Glad your doing the work and not me. Does not look or sound like fun.


----------



## SlickRick (Sep 3, 2009)

Sounds like you needed these restraint flanges.

http://www.starpipeproducts.com/jr.asp


----------



## 422 plumber (Jul 31, 2008)

slickrick said:


> Sounds like you needed these restraint flanges.
> 
> http://www.starpipeproducts.com/jr.asp


I would have used them or Mega-lugs, but I went and looked at the job Thursday, and had to order and pick up the material on Friday morning. The bottom of the hole was sandstone, the pipe laid right on it, no bedding, no room for flanges. If I had the time, it would have been a spool piece between two flanges. Either solvent welded or mechanical flange. Unfortunately, I didn't have time to do what I wanted. On the plus side, my brother works for the GC who does the maintence and construction on site and he was my escort in the plant, I bought him lunch and we repaired a sewer line break together:thumbup:


----------



## 422 plumber (Jul 31, 2008)

DUNBAR PLUMBING said:


> I hope they pay you well for the work you do.
> 
> Meaning, above scale.


Yesterday was a 15 hour day, so it worth $832.50, before taxes.


----------



## SlickRick (Sep 3, 2009)

Was that a Vac trailer or something larger. Do they dump the material out and fill the hole or is it a muck at that point? I want one.


----------



## DUNBAR PLUMBING (Sep 11, 2008)

jjbex said:


> Yesterday was a 15 hour day, so it worth $832.50, before taxes.


 

Awesome. Now if you could figure out how to keep that tax bracket you're busting through to a higher % without giving it away to the gubbament, you could really make off like a bandit.


Time to start having more kids, like 9 of them.


----------



## 422 plumber (Jul 31, 2008)

slickrick said:


> Was that a Vac trailer or something larger. Do they dump the material out and fill the hole or is it a muck at that point? I want one.

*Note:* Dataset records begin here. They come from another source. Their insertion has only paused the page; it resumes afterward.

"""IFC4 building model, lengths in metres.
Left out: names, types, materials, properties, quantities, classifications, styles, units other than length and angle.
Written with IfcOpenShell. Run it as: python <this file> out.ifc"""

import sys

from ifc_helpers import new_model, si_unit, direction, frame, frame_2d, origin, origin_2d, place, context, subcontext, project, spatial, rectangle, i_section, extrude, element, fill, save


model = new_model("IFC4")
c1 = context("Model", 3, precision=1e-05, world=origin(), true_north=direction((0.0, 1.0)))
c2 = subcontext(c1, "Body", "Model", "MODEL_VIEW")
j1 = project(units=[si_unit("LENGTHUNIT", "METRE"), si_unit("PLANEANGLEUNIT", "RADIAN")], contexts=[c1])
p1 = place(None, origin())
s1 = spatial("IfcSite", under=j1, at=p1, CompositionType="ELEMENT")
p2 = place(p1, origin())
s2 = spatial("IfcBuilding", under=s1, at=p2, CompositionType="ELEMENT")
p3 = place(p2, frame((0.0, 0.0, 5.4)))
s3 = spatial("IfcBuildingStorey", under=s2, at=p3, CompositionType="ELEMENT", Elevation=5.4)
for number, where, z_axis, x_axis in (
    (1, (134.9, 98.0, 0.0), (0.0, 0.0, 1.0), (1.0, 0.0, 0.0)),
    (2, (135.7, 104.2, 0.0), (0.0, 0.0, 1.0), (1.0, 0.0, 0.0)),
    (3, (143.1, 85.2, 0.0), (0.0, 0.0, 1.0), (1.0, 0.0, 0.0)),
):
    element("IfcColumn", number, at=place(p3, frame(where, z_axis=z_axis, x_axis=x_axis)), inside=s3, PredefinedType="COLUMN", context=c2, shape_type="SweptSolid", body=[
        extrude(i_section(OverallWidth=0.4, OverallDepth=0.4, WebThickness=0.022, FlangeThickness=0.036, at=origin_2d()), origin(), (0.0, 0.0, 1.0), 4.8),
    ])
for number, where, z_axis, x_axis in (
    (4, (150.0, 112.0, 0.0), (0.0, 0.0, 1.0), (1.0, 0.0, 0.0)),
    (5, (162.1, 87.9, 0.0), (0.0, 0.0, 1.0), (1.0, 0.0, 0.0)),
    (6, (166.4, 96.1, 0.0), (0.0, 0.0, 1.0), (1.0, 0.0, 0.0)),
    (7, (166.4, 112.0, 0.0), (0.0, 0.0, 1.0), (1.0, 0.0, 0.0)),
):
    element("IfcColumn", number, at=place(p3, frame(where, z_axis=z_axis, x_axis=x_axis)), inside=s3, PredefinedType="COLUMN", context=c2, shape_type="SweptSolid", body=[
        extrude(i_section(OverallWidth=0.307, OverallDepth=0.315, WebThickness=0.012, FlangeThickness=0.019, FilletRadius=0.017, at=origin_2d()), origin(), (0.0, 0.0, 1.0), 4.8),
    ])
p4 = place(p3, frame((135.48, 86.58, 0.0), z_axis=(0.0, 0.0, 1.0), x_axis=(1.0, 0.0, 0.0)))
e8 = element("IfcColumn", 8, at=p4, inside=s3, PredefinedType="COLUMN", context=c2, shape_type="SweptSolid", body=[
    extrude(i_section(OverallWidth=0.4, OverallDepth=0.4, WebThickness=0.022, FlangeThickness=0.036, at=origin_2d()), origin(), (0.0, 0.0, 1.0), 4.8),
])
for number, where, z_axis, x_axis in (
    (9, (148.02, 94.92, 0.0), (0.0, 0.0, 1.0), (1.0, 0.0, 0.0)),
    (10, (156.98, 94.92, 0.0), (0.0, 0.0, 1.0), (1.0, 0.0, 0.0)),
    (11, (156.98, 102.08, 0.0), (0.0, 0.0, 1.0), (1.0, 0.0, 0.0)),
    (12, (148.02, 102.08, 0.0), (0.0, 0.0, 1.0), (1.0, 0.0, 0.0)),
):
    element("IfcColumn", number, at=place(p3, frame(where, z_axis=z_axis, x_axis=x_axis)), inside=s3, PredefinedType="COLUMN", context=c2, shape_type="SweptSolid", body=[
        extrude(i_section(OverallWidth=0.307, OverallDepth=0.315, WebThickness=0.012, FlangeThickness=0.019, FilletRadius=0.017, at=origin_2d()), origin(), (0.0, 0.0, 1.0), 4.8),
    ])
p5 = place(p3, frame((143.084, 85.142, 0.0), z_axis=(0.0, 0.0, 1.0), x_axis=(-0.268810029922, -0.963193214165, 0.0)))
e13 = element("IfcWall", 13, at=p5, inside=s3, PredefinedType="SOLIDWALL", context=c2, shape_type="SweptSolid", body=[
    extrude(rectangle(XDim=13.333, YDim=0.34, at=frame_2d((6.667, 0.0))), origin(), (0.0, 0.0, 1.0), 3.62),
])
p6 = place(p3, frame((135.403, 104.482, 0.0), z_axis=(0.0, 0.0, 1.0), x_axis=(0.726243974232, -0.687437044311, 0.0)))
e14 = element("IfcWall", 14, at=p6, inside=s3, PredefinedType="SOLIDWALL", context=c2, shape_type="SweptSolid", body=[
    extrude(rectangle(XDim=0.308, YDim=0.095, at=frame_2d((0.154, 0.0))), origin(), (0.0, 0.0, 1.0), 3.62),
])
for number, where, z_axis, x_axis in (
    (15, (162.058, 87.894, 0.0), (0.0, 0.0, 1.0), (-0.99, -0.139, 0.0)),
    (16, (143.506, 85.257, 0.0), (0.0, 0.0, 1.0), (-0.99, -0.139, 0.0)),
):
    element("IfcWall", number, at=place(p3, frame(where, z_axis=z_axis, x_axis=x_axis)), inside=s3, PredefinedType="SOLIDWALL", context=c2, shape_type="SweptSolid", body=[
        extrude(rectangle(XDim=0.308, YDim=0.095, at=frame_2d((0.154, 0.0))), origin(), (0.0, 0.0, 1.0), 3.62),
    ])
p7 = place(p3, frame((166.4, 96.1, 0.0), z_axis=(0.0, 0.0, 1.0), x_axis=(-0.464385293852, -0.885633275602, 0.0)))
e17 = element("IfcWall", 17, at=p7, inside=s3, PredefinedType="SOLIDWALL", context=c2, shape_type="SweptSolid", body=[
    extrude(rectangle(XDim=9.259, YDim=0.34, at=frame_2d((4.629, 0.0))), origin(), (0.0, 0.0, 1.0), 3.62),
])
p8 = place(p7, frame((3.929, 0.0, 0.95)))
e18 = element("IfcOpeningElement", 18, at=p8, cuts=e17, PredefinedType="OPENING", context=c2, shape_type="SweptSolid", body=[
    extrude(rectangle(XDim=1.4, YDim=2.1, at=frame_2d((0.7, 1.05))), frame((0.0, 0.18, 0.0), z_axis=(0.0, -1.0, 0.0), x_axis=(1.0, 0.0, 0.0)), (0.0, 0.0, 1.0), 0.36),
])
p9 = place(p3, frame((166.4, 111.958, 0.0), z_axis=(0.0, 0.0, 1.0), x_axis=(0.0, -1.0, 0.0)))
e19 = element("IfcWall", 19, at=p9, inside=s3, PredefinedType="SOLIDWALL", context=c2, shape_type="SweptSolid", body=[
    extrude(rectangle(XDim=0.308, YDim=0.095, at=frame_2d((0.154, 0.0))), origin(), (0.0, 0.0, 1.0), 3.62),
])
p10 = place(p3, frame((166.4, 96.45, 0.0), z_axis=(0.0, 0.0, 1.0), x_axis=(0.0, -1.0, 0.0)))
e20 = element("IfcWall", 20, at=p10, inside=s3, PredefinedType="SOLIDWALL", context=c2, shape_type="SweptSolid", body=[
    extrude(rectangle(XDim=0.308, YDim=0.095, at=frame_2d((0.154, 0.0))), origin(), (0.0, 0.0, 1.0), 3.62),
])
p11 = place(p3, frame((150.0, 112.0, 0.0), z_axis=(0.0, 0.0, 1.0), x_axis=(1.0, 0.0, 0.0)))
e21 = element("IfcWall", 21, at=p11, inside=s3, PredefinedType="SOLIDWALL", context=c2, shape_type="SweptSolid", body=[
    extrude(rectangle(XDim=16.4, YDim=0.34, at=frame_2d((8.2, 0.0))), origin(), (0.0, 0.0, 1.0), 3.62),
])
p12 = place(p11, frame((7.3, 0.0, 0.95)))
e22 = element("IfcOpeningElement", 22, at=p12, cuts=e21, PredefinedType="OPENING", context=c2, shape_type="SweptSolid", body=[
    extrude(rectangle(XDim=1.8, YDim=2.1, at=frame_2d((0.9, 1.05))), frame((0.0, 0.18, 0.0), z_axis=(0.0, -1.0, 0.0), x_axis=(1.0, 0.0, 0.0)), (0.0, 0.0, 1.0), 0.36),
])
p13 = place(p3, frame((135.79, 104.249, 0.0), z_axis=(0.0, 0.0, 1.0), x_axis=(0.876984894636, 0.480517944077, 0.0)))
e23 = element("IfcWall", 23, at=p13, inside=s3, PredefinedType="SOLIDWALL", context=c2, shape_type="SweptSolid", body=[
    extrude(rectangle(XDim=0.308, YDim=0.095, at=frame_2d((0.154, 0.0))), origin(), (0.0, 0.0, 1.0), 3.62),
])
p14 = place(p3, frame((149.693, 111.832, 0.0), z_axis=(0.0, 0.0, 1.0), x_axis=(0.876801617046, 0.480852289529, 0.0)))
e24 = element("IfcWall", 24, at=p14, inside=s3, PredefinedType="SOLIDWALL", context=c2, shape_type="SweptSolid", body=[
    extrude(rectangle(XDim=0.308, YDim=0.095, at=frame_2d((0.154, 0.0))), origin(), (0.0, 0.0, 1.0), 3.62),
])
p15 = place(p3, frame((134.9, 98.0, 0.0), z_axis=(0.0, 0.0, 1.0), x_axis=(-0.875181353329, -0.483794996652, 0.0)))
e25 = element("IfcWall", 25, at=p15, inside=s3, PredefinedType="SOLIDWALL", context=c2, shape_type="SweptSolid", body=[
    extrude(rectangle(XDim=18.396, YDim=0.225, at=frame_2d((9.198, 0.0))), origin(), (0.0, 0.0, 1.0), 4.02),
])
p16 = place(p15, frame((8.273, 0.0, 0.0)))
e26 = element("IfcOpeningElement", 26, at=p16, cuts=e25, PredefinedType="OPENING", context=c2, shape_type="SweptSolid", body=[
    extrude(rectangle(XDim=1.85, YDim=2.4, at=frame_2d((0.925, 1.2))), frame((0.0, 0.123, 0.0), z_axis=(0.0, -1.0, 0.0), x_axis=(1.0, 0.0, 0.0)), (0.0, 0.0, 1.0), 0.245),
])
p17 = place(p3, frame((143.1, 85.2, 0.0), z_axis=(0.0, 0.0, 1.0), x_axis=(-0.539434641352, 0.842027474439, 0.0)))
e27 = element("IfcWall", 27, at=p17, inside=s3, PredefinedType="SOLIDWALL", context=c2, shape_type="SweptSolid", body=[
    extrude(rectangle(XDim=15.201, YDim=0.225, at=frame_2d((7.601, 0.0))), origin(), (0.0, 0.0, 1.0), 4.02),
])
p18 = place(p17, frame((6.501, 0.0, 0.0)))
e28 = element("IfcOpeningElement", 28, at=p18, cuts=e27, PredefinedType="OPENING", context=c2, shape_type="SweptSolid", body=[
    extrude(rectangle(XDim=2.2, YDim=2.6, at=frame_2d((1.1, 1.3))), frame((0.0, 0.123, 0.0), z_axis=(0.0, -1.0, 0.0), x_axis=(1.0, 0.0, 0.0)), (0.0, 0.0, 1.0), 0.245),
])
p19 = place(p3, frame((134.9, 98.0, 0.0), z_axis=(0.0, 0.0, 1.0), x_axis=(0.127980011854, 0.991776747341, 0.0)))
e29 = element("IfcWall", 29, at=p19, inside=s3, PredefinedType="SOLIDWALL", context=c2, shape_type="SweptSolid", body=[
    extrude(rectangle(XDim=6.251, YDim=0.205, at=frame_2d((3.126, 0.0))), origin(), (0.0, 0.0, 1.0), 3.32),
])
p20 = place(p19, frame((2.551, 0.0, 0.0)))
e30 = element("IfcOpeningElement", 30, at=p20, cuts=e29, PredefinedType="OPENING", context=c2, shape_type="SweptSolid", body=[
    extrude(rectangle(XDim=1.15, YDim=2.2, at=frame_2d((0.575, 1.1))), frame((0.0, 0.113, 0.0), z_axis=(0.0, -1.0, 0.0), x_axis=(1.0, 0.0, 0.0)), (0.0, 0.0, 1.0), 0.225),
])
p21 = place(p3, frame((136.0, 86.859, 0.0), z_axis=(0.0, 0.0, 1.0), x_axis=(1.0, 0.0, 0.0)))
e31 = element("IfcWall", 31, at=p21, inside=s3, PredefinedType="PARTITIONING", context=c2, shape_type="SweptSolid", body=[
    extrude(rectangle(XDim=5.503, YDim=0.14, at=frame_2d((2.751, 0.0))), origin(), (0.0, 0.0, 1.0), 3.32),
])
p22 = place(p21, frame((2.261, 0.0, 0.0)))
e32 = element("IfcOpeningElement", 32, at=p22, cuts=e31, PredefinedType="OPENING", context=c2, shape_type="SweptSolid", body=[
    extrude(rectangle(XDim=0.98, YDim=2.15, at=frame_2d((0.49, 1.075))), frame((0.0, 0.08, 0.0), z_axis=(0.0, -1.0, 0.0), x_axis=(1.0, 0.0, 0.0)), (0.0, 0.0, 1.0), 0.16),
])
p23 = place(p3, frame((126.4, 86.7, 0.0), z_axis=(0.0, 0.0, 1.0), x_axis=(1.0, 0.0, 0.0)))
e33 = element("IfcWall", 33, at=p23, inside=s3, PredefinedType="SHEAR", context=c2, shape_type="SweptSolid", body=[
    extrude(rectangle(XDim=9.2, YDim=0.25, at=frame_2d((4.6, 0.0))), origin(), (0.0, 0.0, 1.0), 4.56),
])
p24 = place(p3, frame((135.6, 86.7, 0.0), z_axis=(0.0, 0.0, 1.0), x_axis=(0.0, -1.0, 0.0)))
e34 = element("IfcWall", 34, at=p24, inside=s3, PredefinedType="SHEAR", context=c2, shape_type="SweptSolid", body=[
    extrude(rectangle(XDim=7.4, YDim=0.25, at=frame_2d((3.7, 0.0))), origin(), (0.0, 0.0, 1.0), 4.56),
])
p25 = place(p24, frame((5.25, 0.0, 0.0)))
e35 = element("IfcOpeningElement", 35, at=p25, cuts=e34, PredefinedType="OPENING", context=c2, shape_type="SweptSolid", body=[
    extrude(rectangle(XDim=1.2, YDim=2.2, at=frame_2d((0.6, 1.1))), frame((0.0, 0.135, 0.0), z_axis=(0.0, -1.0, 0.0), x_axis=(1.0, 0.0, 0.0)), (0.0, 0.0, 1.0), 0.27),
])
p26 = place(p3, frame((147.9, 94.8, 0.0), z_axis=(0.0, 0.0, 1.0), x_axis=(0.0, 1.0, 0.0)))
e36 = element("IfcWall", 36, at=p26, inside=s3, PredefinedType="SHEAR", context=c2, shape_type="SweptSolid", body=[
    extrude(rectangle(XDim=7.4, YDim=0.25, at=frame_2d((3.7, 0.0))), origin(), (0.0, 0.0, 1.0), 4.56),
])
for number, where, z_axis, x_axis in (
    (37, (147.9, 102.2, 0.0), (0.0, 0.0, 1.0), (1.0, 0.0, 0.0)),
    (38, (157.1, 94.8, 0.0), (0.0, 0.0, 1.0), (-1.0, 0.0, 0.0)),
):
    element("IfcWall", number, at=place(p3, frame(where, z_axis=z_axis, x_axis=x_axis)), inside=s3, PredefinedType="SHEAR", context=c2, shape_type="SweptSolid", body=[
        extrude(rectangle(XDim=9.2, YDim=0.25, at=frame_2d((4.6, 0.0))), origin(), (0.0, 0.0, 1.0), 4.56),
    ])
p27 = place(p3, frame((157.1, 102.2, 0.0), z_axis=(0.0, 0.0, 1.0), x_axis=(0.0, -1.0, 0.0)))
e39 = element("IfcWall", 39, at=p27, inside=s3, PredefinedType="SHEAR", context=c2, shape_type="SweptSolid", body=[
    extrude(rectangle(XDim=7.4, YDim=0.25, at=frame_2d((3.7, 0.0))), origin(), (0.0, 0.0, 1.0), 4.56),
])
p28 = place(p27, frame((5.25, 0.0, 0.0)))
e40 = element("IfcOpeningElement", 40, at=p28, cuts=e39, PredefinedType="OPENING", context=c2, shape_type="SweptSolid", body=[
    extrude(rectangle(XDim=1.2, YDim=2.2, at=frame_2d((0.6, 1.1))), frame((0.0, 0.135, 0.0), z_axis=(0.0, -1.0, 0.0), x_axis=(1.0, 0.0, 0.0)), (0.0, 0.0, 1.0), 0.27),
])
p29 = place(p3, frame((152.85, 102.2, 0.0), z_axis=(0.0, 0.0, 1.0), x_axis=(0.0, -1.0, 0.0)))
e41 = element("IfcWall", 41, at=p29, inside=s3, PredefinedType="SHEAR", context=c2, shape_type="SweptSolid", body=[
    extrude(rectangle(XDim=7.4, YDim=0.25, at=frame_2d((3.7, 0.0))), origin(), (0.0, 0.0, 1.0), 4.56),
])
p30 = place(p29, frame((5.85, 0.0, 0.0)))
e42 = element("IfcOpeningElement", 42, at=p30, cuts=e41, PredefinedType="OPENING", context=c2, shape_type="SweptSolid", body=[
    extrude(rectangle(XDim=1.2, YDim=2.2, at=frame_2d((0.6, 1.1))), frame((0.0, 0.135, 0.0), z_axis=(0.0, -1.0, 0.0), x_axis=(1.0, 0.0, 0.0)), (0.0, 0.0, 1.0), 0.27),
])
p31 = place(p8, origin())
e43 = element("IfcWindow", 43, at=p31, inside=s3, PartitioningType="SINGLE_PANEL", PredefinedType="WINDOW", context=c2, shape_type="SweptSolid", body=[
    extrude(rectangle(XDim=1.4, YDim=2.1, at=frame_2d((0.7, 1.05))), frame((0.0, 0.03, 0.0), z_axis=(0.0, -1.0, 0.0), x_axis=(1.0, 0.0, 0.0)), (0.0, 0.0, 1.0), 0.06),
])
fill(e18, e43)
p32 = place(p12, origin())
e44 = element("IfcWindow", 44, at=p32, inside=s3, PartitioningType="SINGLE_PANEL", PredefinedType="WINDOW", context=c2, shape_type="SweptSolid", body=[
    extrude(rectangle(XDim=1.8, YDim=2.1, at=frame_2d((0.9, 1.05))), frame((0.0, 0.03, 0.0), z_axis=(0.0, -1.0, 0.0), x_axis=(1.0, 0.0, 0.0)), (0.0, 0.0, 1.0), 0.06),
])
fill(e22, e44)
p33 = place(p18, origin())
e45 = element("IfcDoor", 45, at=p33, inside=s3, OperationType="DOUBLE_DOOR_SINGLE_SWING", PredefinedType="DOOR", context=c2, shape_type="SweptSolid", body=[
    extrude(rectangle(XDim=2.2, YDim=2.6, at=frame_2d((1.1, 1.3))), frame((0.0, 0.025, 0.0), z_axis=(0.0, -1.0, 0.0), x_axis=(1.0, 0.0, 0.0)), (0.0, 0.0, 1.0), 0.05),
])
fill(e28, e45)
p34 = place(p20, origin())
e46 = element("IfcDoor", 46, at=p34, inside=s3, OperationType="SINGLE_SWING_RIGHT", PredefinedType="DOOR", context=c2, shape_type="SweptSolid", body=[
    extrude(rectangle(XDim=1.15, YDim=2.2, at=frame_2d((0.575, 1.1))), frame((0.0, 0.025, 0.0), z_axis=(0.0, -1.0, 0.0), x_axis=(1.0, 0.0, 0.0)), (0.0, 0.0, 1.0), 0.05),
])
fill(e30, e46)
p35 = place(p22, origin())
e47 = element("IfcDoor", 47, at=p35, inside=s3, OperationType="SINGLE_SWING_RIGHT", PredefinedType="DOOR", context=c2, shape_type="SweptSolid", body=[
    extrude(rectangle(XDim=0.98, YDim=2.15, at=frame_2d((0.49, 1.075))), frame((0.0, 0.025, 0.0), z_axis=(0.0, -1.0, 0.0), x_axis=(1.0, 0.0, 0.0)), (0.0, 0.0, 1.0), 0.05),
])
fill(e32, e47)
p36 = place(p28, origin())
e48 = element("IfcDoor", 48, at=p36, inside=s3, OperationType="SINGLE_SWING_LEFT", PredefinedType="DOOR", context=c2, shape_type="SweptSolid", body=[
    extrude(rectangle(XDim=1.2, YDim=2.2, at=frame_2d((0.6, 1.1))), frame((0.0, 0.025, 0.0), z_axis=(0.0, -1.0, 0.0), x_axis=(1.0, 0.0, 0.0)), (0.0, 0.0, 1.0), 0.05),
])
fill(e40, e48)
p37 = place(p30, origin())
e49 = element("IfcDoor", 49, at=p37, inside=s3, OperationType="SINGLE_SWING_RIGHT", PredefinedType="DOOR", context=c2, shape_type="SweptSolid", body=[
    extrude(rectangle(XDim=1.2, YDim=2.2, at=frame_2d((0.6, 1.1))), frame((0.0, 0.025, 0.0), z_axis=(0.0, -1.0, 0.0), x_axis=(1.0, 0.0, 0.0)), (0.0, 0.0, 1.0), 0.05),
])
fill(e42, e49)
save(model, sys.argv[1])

It's a jet-vac truck. The GC has 2 of them onsite. One guy runs the jety hose, which is about 3000psi, and the operator mans the suction hose. He has a radio control box strapped around his neck that lets him control the vac hose and engine. They have a little dump site inside the plant, another one outside the plant.


----------



## Bayside500 (May 16, 2009)

what do you mean when you say "spool piece" ?


----------



## SlickRick (Sep 3, 2009)

Short piece with flange on both ends to tie-in the line.


----------



## Bayside500 (May 16, 2009)

slickrick said:


> Short piece with flange on both ends to tie-in the line.


oh i see now


----------



## SlickRick (Sep 3, 2009)

If he would had the time he would have pre-fabed his 45 and pieces with flanges on both ends ( all of it being a spool piece) and put flanges on the other 2 ends, dropped it in and bolted it up. No slipping there.


----------



## 422 plumber (Jul 31, 2008)

slickrick said:


> If he would had the time he would have pre-fabed his 45 and pieces with flanges on both ends ( all of it being a spool piece) and put flanges on the other 2 ends, dropped it in and bolted it up. No slipping there.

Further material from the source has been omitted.